Young Nobles in Wolsey’s Household

Still, the bad spelling and grammar of most of the letters up to that period, and the general ignorance of our upper classes were, says Professor Brewer, the reason why the whole government of the country was in the hands of ecclesiastics.

— Frederick James Furnivall: Early English Meals and Manners

So wait, Ye Olde English being mostly incomprehensible gibberish is because the people writing it were basically functionally illiterate, ha ha?

Also~ This is why literacy is important. For example, slave owners really didn’t want their slaves to learn how to read. Catching them with any sort of letters was punishable with whipping. So there’s probably a correlation between illiteracy and being ruled by others. But as always, people can make their own conclusions.

Though, it’s important to note that there’s also an important distinction between knowing how to read and understanding what you read. Unfortunately, the latter seems to be an increasingly lost art.

Surf-swine

As I’m on holiday and I have lots of free time, I’ve started reading Poetic Edda again. There was a bit of a break when I was too tired to do much of anything.

Anyhow, according to the translator’s notes of Poetic Edda:

Surf-swine: the whales.

Now, I might be the only one who finds this funny but in Japan there’s a wild boar which is also known as yama kujira. This literally translates as “mountain whale”.

I just thought that was the funniest coincidence.

But I also made a joke about the Japanese word 好き in a fan fiction which I’m pretty sure no one noticed.

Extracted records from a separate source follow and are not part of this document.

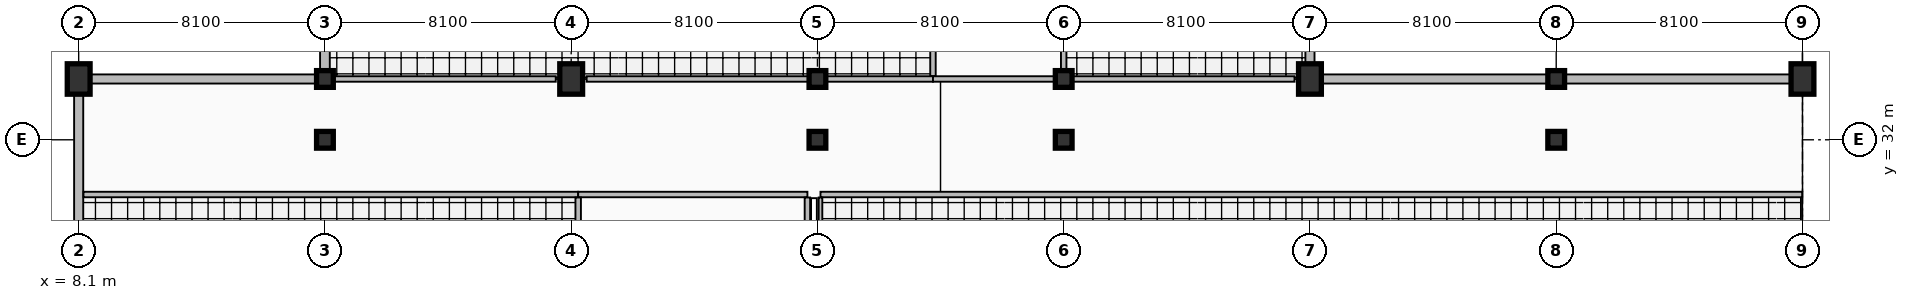
"""IFC4 building model, lengths in metres.
Left out: names, types, materials, properties, quantities, classifications, styles, units other than length and angle.
Written with IfcOpenShell. Run it as: python <this file> out.ifc"""

import sys

from ifc_helpers import new_model, si_unit, direction, frame, frame_2d, origin, origin_2d, place, context, subcontext, project, spatial, rectangle, extrude, element, fill, save


model = new_model("IFC4")
c1 = context("Model", 3, precision=1e-05, world=origin(), true_north=direction((0.0, 1.0)))
c2 = subcontext(c1, "Body", "Model", "MODEL_VIEW")
j1 = project(units=[si_unit("LENGTHUNIT", "METRE"), si_unit("PLANEANGLEUNIT", "RADIAN")], contexts=[c1])
p1 = place(None, origin())
s1 = spatial("IfcSite", under=j1, at=p1, CompositionType="ELEMENT")
p2 = place(p1, origin())
s2 = spatial("IfcBuilding", under=s1, at=p2, CompositionType="ELEMENT")
p3 = place(p2, frame((0.0, 0.0, 10.2)))
s3 = spatial("IfcBuildingStorey", under=s2, at=p3, CompositionType="ELEMENT", Elevation=10.2)
p4 = place(p3, frame((8.1, 34.0, 0.0), z_axis=(0.0, 0.0, 1.0), x_axis=(1.0, 0.0, 0.0)))
e1 = element("IfcColumn", 1, at=p4, inside=s3, PredefinedType="COLUMN", context=c2, shape_type="SweptSolid", body=[
    extrude(rectangle(XDim=0.75, YDim=1.0, at=origin_2d()), origin(), (0.0, 0.0, 1.0), 4.5),
])
for number, where, z_axis, x_axis in (
    (2, (16.2, 32.0, 0.0), (0.0, 0.0, 1.0), (1.0, 0.0, 0.0)),
    (3, (16.2, 34.0, 0.0), (0.0, 0.0, 1.0), (1.0, 0.0, 0.0)),
):
    element("IfcColumn", number, at=place(p3, frame(where, z_axis=z_axis, x_axis=x_axis)), inside=s3, PredefinedType="COLUMN", context=c2, shape_type="SweptSolid", body=[
        extrude(rectangle(XDim=0.55, YDim=0.55, at=origin_2d()), origin(), (0.0, 0.0, 1.0), 4.24),
    ])
p5 = place(p3, frame((24.3, 34.0, 0.0), z_axis=(0.0, 0.0, 1.0), x_axis=(1.0, 0.0, 0.0)))
e4 = element("IfcColumn", 4, at=p5, inside=s3, PredefinedType="COLUMN", context=c2, shape_type="SweptSolid", body=[
    extrude(rectangle(XDim=0.75, YDim=1.0, at=origin_2d()), origin(), (0.0, 0.0, 1.0), 4.5),
])
for number, where, z_axis, x_axis in (
    (5, (32.4, 32.0, 0.0), (0.0, 0.0, 1.0), (1.0, 0.0, 0.0)),
    (6, (32.4, 34.0, 0.0), (0.0, 0.0, 1.0), (1.0, 0.0, 0.0)),
    (7, (40.5, 32.0, 0.0), (0.0, 0.0, 1.0), (1.0, 0.0, 0.0)),
    (8, (40.5, 34.0, 0.0), (0.0, 0.0, 1.0), (1.0, 0.0, 0.0)),
):
    element("IfcColumn", number, at=place(p3, frame(where, z_axis=z_axis, x_axis=x_axis)), inside=s3, PredefinedType="COLUMN", context=c2, shape_type="SweptSolid", body=[
        extrude(rectangle(XDim=0.55, YDim=0.55, at=origin_2d()), origin(), (0.0, 0.0, 1.0), 4.24),
    ])
p6 = place(p3, frame((48.6, 34.0, 0.0), z_axis=(0.0, 0.0, 1.0), x_axis=(1.0, 0.0, 0.0)))
e9 = element("IfcColumn", 9, at=p6, inside=s3, PredefinedType="COLUMN", context=c2, shape_type="SweptSolid", body=[
    extrude(rectangle(XDim=0.75, YDim=1.0, at=origin_2d()), origin(), (0.0, 0.0, 1.0), 4.5),
])
for number, where, z_axis, x_axis in (
    (10, (56.7, 32.0, 0.0), (0.0, 0.0, 1.0), (1.0, 0.0, 0.0)),
    (11, (56.7, 34.0, 0.0), (0.0, 0.0, 1.0), (1.0, 0.0, 0.0)),
):
    element("IfcColumn", number, at=place(p3, frame(where, z_axis=z_axis, x_axis=x_axis)), inside=s3, PredefinedType="COLUMN", context=c2, shape_type="SweptSolid", body=[
        extrude(rectangle(XDim=0.55, YDim=0.55, at=origin_2d()), origin(), (0.0, 0.0, 1.0), 4.24),
    ])
p7 = place(p3, frame((64.8, 34.0, 0.0), z_axis=(0.0, 0.0, 1.0), x_axis=(1.0, 0.0, 0.0)))
e12 = element("IfcColumn", 12, at=p7, inside=s3, PredefinedType="COLUMN", context=c2, shape_type="SweptSolid", body=[
    extrude(rectangle(XDim=0.75, YDim=1.0, at=origin_2d()), origin(), (0.0, 0.0, 1.0), 4.5),
])
p8 = place(p3, frame((64.8, 34.0, 0.0), z_axis=(0.0, 0.0, 1.0), x_axis=(-1.0, 0.0, 0.0)))
e13 = element("IfcWall", 13, at=p8, inside=s3, PredefinedType="SOLIDWALL", context=c2, shape_type="SweptSolid", body=[
    extrude(rectangle(XDim=16.2, YDim=0.3, at=frame_2d((8.1, 0.0))), origin(), (0.0, 0.0, 1.0), 3.62),
])
p9 = place(p3, frame((48.6, 34.0, 0.0), z_axis=(0.0, 0.0, 1.0), x_axis=(0.0, 1.0, 0.0)))
e14 = element("IfcWall", 14, at=p9, inside=s3, PredefinedType="SOLIDWALL", context=c2, shape_type="SweptSolid", body=[
    extrude(rectangle(XDim=13.82, YDim=0.3, at=frame_2d((6.91, 0.0))), origin(), (0.0, 0.0, 1.0), 3.732),
])
p10 = place(p9, frame((7.65, 0.0, 0.95)))
e15 = element("IfcOpeningElement", 15, at=p10, cuts=e14, PredefinedType="OPENING", context=c2, shape_type="SweptSolid", body=[
    extrude(rectangle(XDim=3.15, YDim=1.6, at=frame_2d((1.575, 0.8))), frame((0.0, 0.16, 0.0), z_axis=(0.0, -1.0, 0.0), x_axis=(1.0, 0.0, 0.0)), (0.0, 0.0, 1.0), 0.32),
])
p11 = place(p3, frame((16.2, 49.6, 0.0), z_axis=(0.0, 0.0, 1.0), x_axis=(0.0, -1.0, 0.0)))
e16 = element("IfcWall", 16, at=p11, inside=s3, PredefinedType="SOLIDWALL", context=c2, shape_type="SweptSolid", body=[
    extrude(rectangle(XDim=15.6, YDim=0.32, at=frame_2d((7.8, 0.0))), origin(), (0.0, 0.0, 1.0), 3.732),
])
p12 = place(p11, frame((4.5, 0.0, 0.85)))
e17 = element("IfcOpeningElement", 17, at=p12, cuts=e16, PredefinedType="OPENING", context=c2, shape_type="SweptSolid", body=[
    extrude(rectangle(XDim=1.8, YDim=2.1, at=frame_2d((0.9, 1.05))), frame((0.0, 0.17, 0.0), z_axis=(0.0, -1.0, 0.0), x_axis=(1.0, 0.0, 0.0)), (0.0, 0.0, 1.0), 0.34),
])
p13 = place(p3, frame((16.2, 34.0, 0.0), z_axis=(0.0, 0.0, 1.0), x_axis=(-1.0, 0.0, 0.0)))
e18 = element("IfcWall", 18, at=p13, inside=s3, PredefinedType="SOLIDWALL", context=c2, shape_type="SweptSolid", body=[
    extrude(rectangle(XDim=8.1, YDim=0.3, at=frame_2d((4.05, 0.0))), origin(), (0.0, 0.0, 1.0), 3.62),
])
p14 = place(p13, frame((3.15, 0.0, 0.85)))
e19 = element("IfcOpeningElement", 19, at=p14, cuts=e18, PredefinedType="OPENING", context=c2, shape_type="SweptSolid", body=[
    extrude(rectangle(XDim=1.8, YDim=2.4, at=frame_2d((0.9, 1.2))), frame((0.0, 0.16, 0.0), z_axis=(0.0, -1.0, 0.0), x_axis=(1.0, 0.0, 0.0)), (0.0, 0.0, 1.0), 0.32),
])
p15 = place(p3, frame((8.1, 34.0, 0.0), z_axis=(0.0, 0.0, 1.0), x_axis=(0.0, -1.0, 0.0)))
e20 = element("IfcWall", 20, at=p15, inside=s3, PredefinedType="SOLIDWALL", context=c2, shape_type="SweptSolid", body=[
    extrude(rectangle(XDim=9.0, YDim=0.3, at=frame_2d((4.5, 0.0))), origin(), (0.0, 0.0, 1.0), 3.366),
])
p16 = place(p15, frame((4.95, 0.0, 0.95)))
e21 = element("IfcOpeningElement", 21, at=p16, cuts=e20, PredefinedType="OPENING", context=c2, shape_type="SweptSolid", body=[
    extrude(rectangle(XDim=2.1, YDim=1.8, at=frame_2d((1.05, 0.9))), frame((0.0, 0.16, 0.0), z_axis=(0.0, -1.0, 0.0), x_axis=(1.0, 0.0, 0.0)), (0.0, 0.0, 1.0), 0.32),
])
p17 = place(p3, frame((8.258, 30.2, 0.0), z_axis=(0.0, 0.0, 1.0), x_axis=(1.0, 0.0, 0.0)))
e22 = element("IfcWall", 22, at=p17, inside=s3, PredefinedType="PARTITIONING", context=c2, shape_type="SweptSolid", body=[
    extrude(rectangle(XDim=16.272, YDim=0.18, at=frame_2d((8.136, 0.0))), origin(), (0.0, 0.0, 1.0), 4.24),
])
p18 = place(p17, frame((6.334, 0.0, 0.0)))
e23 = element("IfcOpeningElement", 23, at=p18, cuts=e22, PredefinedType="OPENING", context=c2, shape_type="SweptSolid", body=[
    extrude(rectangle(XDim=1.0, YDim=2.2, at=frame_2d((0.5, 1.1))), frame((0.0, 0.1, 0.0), z_axis=(0.0, -1.0, 0.0), x_axis=(1.0, 0.0, 0.0)), (0.0, 0.0, 1.0), 0.2),
])
p19 = place(p3, frame((16.483, 34.0, 0.0), z_axis=(0.0, 0.0, 1.0), x_axis=(1.0, 0.0, 0.0)))
e24 = element("IfcWall", 24, at=p19, inside=s3, PredefinedType="PARTITIONING", context=c2, shape_type="SweptSolid", body=[
    extrude(rectangle(XDim=7.309, YDim=0.18, at=frame_2d((3.655, 0.0))), origin(), (0.0, 0.0, 1.0), 3.62),
])
p20 = place(p3, frame((24.808, 34.0, 0.0), z_axis=(0.0, 0.0, 1.0), x_axis=(1.0, 0.0, 0.0)))
e25 = element("IfcWall", 25, at=p20, inside=s3, PredefinedType="PARTITIONING", context=c2, shape_type="SweptSolid", body=[
    extrude(rectangle(XDim=7.309, YDim=0.18, at=frame_2d((3.654, 0.0))), origin(), (0.0, 0.0, 1.0), 3.544),
])
p21 = place(p3, frame((32.683, 34.0, 0.0), z_axis=(0.0, 0.0, 1.0), x_axis=(1.0, 0.0, 0.0)))
e26 = element("IfcWall", 26, at=p21, inside=s3, PredefinedType="PARTITIONING", context=c2, shape_type="SweptSolid", body=[
    extrude(rectangle(XDim=3.517, YDim=0.18, at=frame_2d((1.758, 0.0))), origin(), (0.0, 0.0, 1.0), 3.544),
])
p22 = place(p3, frame((24.53, 30.2, 0.0), z_axis=(0.0, 0.0, 1.0), x_axis=(1.0, 0.0, 0.0)))
e27 = element("IfcWall", 27, at=p22, inside=s3, PredefinedType="PARTITIONING", context=c2, shape_type="SweptSolid", body=[
    extrude(rectangle(XDim=7.54, YDim=0.18, at=frame_2d((3.77, 0.0))), origin(), (0.0, 0.0, 1.0), 4.24),
])
p23 = place(p22, frame((3.22, 0.0, 0.0)))
e28 = element("IfcOpeningElement", 28, at=p23, cuts=e27, PredefinedType="OPENING", context=c2, shape_type="SweptSolid", body=[
    extrude(rectangle(XDim=1.1, YDim=2.2, at=frame_2d((0.55, 1.1))), frame((0.0, 0.1, 0.0), z_axis=(0.0, -1.0, 0.0), x_axis=(1.0, 0.0, 0.0)), (0.0, 0.0, 1.0), 0.2),
])
p24 = place(p3, frame((32.5, 30.2, 0.0), z_axis=(0.0, 0.0, 1.0), x_axis=(1.0, 0.0, 0.0)))
e29 = element("IfcWall", 29, at=p24, inside=s3, PredefinedType="PARTITIONING", context=c2, shape_type="SweptSolid", body=[
    extrude(rectangle(XDim=32.29, YDim=0.18, at=frame_2d((16.145, 0.0))), origin(), (0.0, 0.0, 1.0), 4.24),
])
p25 = place(p24, frame((15.595, 0.0, 0.0)))
e30 = element("IfcOpeningElement", 30, at=p25, cuts=e29, PredefinedType="OPENING", context=c2, shape_type="SweptSolid", body=[
    extrude(rectangle(XDim=1.1, YDim=2.2, at=frame_2d((0.55, 1.1))), frame((0.0, 0.1, 0.0), z_axis=(0.0, -1.0, 0.0), x_axis=(1.0, 0.0, 0.0)), (0.0, 0.0, 1.0), 0.2),
])
p26 = place(p3, frame((36.2, 34.0, 0.0), z_axis=(0.0, 0.0, 1.0), x_axis=(1.0, 0.0, 0.0)))
e31 = element("IfcWall", 31, at=p26, inside=s3, PredefinedType="PARTITIONING", context=c2, shape_type="SweptSolid", body=[
    extrude(rectangle(XDim=4.017, YDim=0.18, at=frame_2d((2.009, 0.0))), origin(), (0.0, 0.0, 1.0), 3.544),
])
p27 = place(p26, frame((1.408, 0.0, 0.0)))
e32 = element("IfcOpeningElement", 32, at=p27, cuts=e31, PredefinedType="OPENING", context=c2, shape_type="SweptSolid", body=[
    extrude(rectangle(XDim=1.2, YDim=2.2, at=frame_2d((0.6, 1.1))), frame((0.0, 0.1, 0.0), z_axis=(0.0, -1.0, 0.0), x_axis=(1.0, 0.0, 0.0)), (0.0, 0.0, 1.0), 0.2),
])
p28 = place(p3, frame((40.783, 34.0, 0.0), z_axis=(0.0, 0.0, 1.0), x_axis=(1.0, 0.0, 0.0)))
e33 = element("IfcWall", 33, at=p28, inside=s3, PredefinedType="PARTITIONING", context=c2, shape_type="SweptSolid", body=[
    extrude(rectangle(XDim=7.309, YDim=0.18, at=frame_2d((3.655, 0.0))), origin(), (0.0, 0.0, 1.0), 3.544),
])
p29 = place(p3, frame((24.53, 29.068, 0.0), z_axis=(0.0, 0.0, 1.0), x_axis=(0.0, 1.0, 0.0)))
e34 = element("IfcWall", 34, at=p29, inside=s3, PredefinedType="PARTITIONING", context=c2, shape_type="SweptSolid", body=[
    extrude(rectangle(XDim=1.034, YDim=0.18, at=frame_2d((0.517, 0.0))), origin(), (0.0, 0.0, 1.0), 3.366),
])
p30 = place(p3, frame((32.07, 29.068, 0.0), z_axis=(0.0, 0.0, 1.0), x_axis=(0.0, 1.0, 0.0)))
e35 = element("IfcWall", 35, at=p30, inside=s3, PredefinedType="PARTITIONING", context=c2, shape_type="SweptSolid", body=[
    extrude(rectangle(XDim=1.034, YDim=0.18, at=frame_2d((0.517, 0.0))), origin(), (0.0, 0.0, 1.0), 4.24),
])
p31 = place(p3, frame((32.5, 25.46, 0.0), z_axis=(0.0, 0.0, 1.0), x_axis=(0.0, 1.0, 0.0)))
e36 = element("IfcWall", 36, at=p31, inside=s3, PredefinedType="PARTITIONING", context=c2, shape_type="SweptSolid", body=[
    extrude(rectangle(XDim=4.642, YDim=0.12, at=frame_2d((2.321, 0.0))), origin(), (0.0, 0.0, 1.0), 3.769),
])
p32 = place(p3, frame((36.2, 34.098, 0.0), z_axis=(0.0, 0.0, 1.0), x_axis=(0.0, 1.0, 0.0)))
e37 = element("IfcWall", 37, at=p32, inside=s3, PredefinedType="PARTITIONING", context=c2, shape_type="SweptSolid", body=[
    extrude(rectangle(XDim=19.004, YDim=0.18, at=frame_2d((9.502, 0.0))), origin(), (0.0, 0.0, 1.0), 3.825),
])
p33 = place(p32, frame((8.952, 0.0, 0.0)))
e38 = element("IfcOpeningElement", 38, at=p33, cuts=e37, PredefinedType="OPENING", context=c2, shape_type="SweptSolid", body=[
    extrude(rectangle(XDim=1.1, YDim=2.2, at=frame_2d((0.55, 1.1))), frame((0.0, 0.1, 0.0), z_axis=(0.0, -1.0, 0.0), x_axis=(1.0, 0.0, 0.0)), (0.0, 0.0, 1.0), 0.2),
])
p34 = place(p3, frame((40.5, 34.283, 0.0), z_axis=(0.0, 0.0, 1.0), x_axis=(0.0, 1.0, 0.0)))
e39 = element("IfcWall", 39, at=p34, inside=s3, PredefinedType="PARTITIONING", context=c2, shape_type="SweptSolid", body=[
    extrude(rectangle(XDim=5.409, YDim=0.18, at=frame_2d((2.705, 0.0))), origin(), (0.0, 0.0, 1.0), 3.769),
])
p35 = place(p14, origin())
e40 = element("IfcWindow", 40, at=p35, inside=s3, PartitioningType="TRIPLE_PANEL_VERTICAL", PredefinedType="WINDOW", context=c2, shape_type="SweptSolid", body=[
    extrude(rectangle(XDim=1.8, YDim=2.4, at=frame_2d((0.9, 1.2))), frame((0.0, 0.03, 0.0), z_axis=(0.0, -1.0, 0.0), x_axis=(1.0, 0.0, 0.0)), (0.0, 0.0, 1.0), 0.06),
])
fill(e19, e40)
p36 = place(p18, frame((1.0, 0.0, 0.0), z_axis=(0.0, 0.0, 1.0), x_axis=(-1.0, 0.0, 0.0)))
e41 = element("IfcDoor", 41, at=p36, inside=s3, OperationType="SINGLE_SWING_LEFT", PredefinedType="DOOR", context=c2, shape_type="SweptSolid", body=[
    extrude(rectangle(XDim=1.0, YDim=2.2, at=frame_2d((0.5, 1.1))), frame((0.0, 0.025, 0.0), z_axis=(0.0, -1.0, 0.0), x_axis=(1.0, 0.0, 0.0)), (0.0, 0.0, 1.0), 0.05),
])
fill(e23, e41)
p37 = place(p23, origin())
e42 = element("IfcDoor", 42, at=p37, inside=s3, OperationType="SINGLE_SWING_RIGHT", PredefinedType="DOOR", context=c2, shape_type="SweptSolid", body=[
    extrude(rectangle(XDim=1.1, YDim=2.2, at=frame_2d((0.55, 1.1))), frame((0.0, 0.025, 0.0), z_axis=(0.0, -1.0, 0.0), x_axis=(1.0, 0.0, 0.0)), (0.0, 0.0, 1.0), 0.05),
])
fill(e28, e42)
p38 = place(p25, frame((1.1, 0.0, 0.0), z_axis=(0.0, 0.0, 1.0), x_axis=(-1.0, 0.0, 0.0)))
e43 = element("IfcDoor", 43, at=p38, inside=s3, OperationType="SINGLE_SWING_RIGHT", PredefinedType="DOOR", context=c2, shape_type="SweptSolid", body=[
    extrude(rectangle(XDim=1.1, YDim=2.2, at=frame_2d((0.55, 1.1))), frame((0.0, 0.025, 0.0), z_axis=(0.0, -1.0, 0.0), x_axis=(1.0, 0.0, 0.0)), (0.0, 0.0, 1.0), 0.05),
])
fill(e30, e43)
p39 = place(p27, origin())
e44 = element("IfcDoor", 44, at=p39, inside=s3, OperationType="SINGLE_SWING_LEFT", PredefinedType="DOOR", context=c2, shape_type="SweptSolid", body=[
    extrude(rectangle(XDim=1.2, YDim=2.2, at=frame_2d((0.6, 1.1))), frame((0.0, 0.025, 0.0), z_axis=(0.0, -1.0, 0.0), x_axis=(1.0, 0.0, 0.0)), (0.0, 0.0, 1.0), 0.05),
])
fill(e32, e44)
save(model, sys.argv[1])

So, you know.

And now I probably need to go to sleep because my head is killing me.

Ægir

Ægir: a giant who is also the god of the sea.

Mountain-dweller: the giant (Ægir).

The Arnamagnæan Codex has “Ægir” instead of “Egil,” but, aside from the fact that Thor had just left Ægir’s house, the sea-god can hardly have been spoken of as a goat-herd.

But it’s totally normal to speak of the sea-god as a mountain-dweller?

Beauty and the Beast

The eldest had married a gentleman, extremely handsome indeed, but so fond of his own person, that he was full of nothing but his own dear self, and neglected his wife. The second had married a man of wit, but he only made use of it to plague and torment every body, and his wife most of all.

. . . it is neither wit nor a fine person in a husband, that makes a woman happy; but virtue, sweetness of temper, and complaisance . . .

Pride, anger, gluttony, and idleness, are sometimes conquered, but the conversion of a malicious and envious mind is a kind of miracle.

. . . their happiness, as it was founded on virtue, was complete.

119

If a friend thou hast | whom thou fully wilt trust,

Then fare to find him oft;

For brambles grow | and waving grass

On the rarely trodden road.

 Nota Bene

(You know, I was recently re-reading Suuri Hupsu by Ryokan Taigu, and it was amazing how in the past people would write to each other and visit each other across miles. In the contemporary world of instant messaging, you’re lucky if you’ll hear from someone in six months if that. Which is why I’ve always thought that maintaining friendships isn’t about distance or time or the lack of it, it’s about want.

Also, I’ve noticed that it’s nearly impossible to maintain friendships with someone who doesn’t share any of your values or sense of decorum.)